How much does Europe spend on pensions?

Iceland

Iceland’s pension system is rated by CNBC as the best in the world and yet remarkably it only spends 2.6% of GDP on retirees, the smallest amount in Europe. Pensioners are entitled to the full ellilífeyrir payment if they’ve lived in Iceland for 40 years. Retirees can apply for a basic pension, a pension supplement and a household supplement and all amounts are based on income. The regular pension age is 67, unless you have worked at sea for 25 years, in which case it’s 60.

UK

Liz Truss was committed to maintaining the triple lock on pensions, meaning that payments would rise with inflation (now over 10%). If Rishi Sunak sticks with that promise, it will cost Britain £11bn. The government only spends 5.6% of GDP on the pensions system, and in normal circumstances that wouldn’t feel excessive. However, inflation is still rising and recession is shrinking the government’s coffers. Sunak is looking for cuts to help plug the huge gap in the government’s accounts. He might see ditching the triple lock as a way of saving money.

Portugal

To offset the effects of inflation, the Portuguese government recently introduced a pension support payment equivalent to 50% of the normal monthly payment – this will go to more than 2 million pensioners. The government spends 12.7% of GDP on retirement benefits, and the population is getting older, meaning that pension costs will continue to rise. A report last year suggested that Portugal’s pensions system is unsustainable and that it could even “run out” by 2030.

Spain

Earlier in October, Spain put €2.9bn (£2.5bn) into its state pension reserve fund, which is there to pay pensions when the finances are under pressure. The government hasn’t had to make a transfer like this in 13 years. Spain’s system has been in trouble ever since the crash of 2008, when it had to use the reserve fund to pay retirees. Spain introduced a tax on contributions in 2021, but it didn’t help. The government still spends 10.9% of GDP on a pension system that looks to be in trouble.

Italy

The most generous country in Europe and the OECD, Italy spends the equivalent of 15.6% of GDP on pensions.

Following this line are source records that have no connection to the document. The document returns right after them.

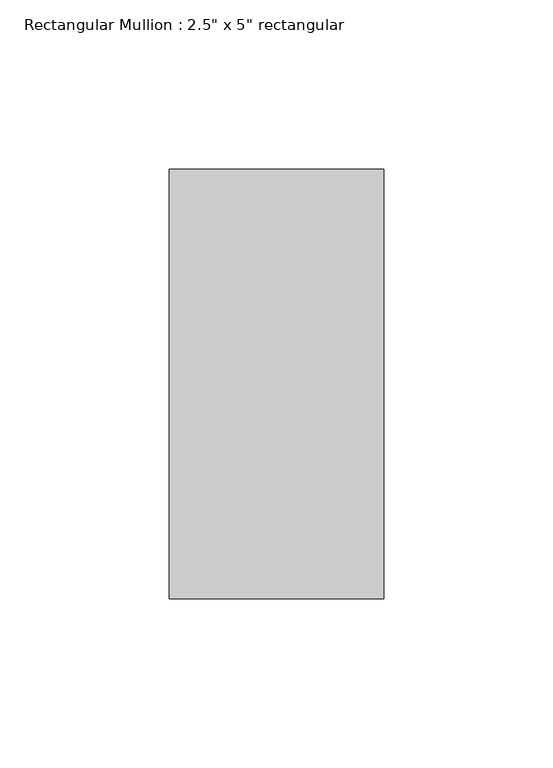
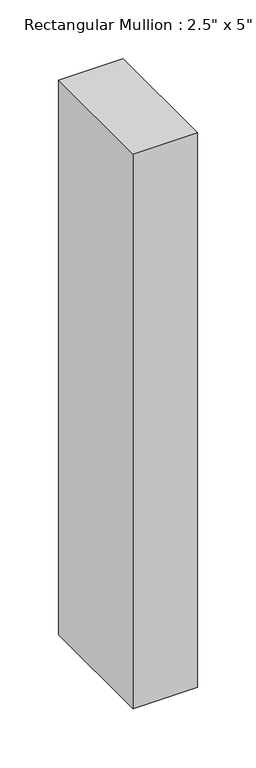
"""IFC4 building model written with IfcOpenShell, lengths in millimetres: member geometry."""

from ifc_helpers import new_model, si_unit, frame, origin, place, context, project, spatial, polyline, outline, extrude, source, transform, mapped, element, save


def member_af2dc76d(model_context):
    return source(origin(), model_context, "Body", "SweptSolid", [
        extrude(outline(polyline([(0.0, 63.5), (0.0, -63.5), (-63.5, -63.5), (-63.5, 63.5), (0.0, 63.5)])), frame((0.0, 0.0, -577.9826807), z_axis=(0.0, 0.0, 1.0), x_axis=(1.0, 0.0, 0.0)), (0.0, 0.0, 1.0), 577.9826807),
    ])


if __name__ == "__main__":
    model = new_model("IFC4")
    model_context = context("Model", 3, world=origin())
    ifc_project = project(units=[si_unit("LENGTHUNIT", "METRE", prefix="MILLI")], contexts=[model_context])
    site = spatial("IfcSite", under=ifc_project)
    building = spatial("IfcBuilding", under=site)
    placement = place(None, origin())
    member_shape = member_af2dc76d(model_context)
    element("IfcMember", 1, ObjectType="Rectangular Mullion : 2.5\" x 5\" rectangular", at=placement, inside=building, context=model_context, shape_type="MappedRepresentation", body=[
        mapped(member_shape, transform((0.0, 0.0, 0.0), x_axis=(1.0, 0.0, 0.0), y_axis=(0.0, 1.0, 0.0), z_axis=(0.0, 0.0, 1.0))),
    ])
    save(model, "model.ifc")

# Revit data of these elements
# Type "Rectangular Mullion : 2.5\" x 5\" rectangular"
#   built-in parameter 1007304 = 0.416667 (stored number, unit not read)
#   built-in parameter 1007301 = 0.104167 (stored number, unit not read)
#   built-in parameter 1007300 = 0.104167 (stored number, unit not read)
# Element 1 (IfcMember, "Rectangular Mullion : 2.5\" x 5\" rectangular")
#   Materials on its faces: "Aluminum"
# Materials
#   "Aluminum": class "Metal", colour RGB 247 247 247, transparency 0, Description = "Aluminum 6061", Cost = 0

Giorgia Meloni, Italy’s new PM, has promised to protect the generous pension system, but that means having enough people of working age to create the economic activity to pay for it. In other words, Italy needs immigrants – the very opposite of Meloni’s core political message.

Netherlands

The retirement age is increasing to 67 as part of reform to the pensions system, which currently costs 5.1% of GDP. New legislation was planned for 2021, but delayed. It was delayed again last month, and is now expected in 2023. The new rules will mean pension funds will no longer give assurances on the size of pension payments, which will instead vary with economic conditions.

France

The French system provides retirees with 50% of earnings, but capped at €41,135 (£35,445). That scheme costs 13.5% of GDP and Emmanuel Macron is determined to reform it, announcing recently that he will produce new legislation by Christmas. The unions, always up for a fight, don’t like the sound of it. They’ve already forced Macron to ditch plans to raise the retirement age from 62 to 65. Polls show that plans to reform the system are broadly unpopular.

Greece

The second most expensive pension system in Europe, Greece spends 15.4% of GDP on its retirees – a fifth of the population is over 65. The pensions system was scaled back after the 2008 Greek economic crisis. That led to legal challenges and in 2020, the government was ordered to pay back €1.4bn (£1.2bn) to Greek pensioners. Despite the huge cost, the average Greek will have a modest pension of around €18,000 (£15,500).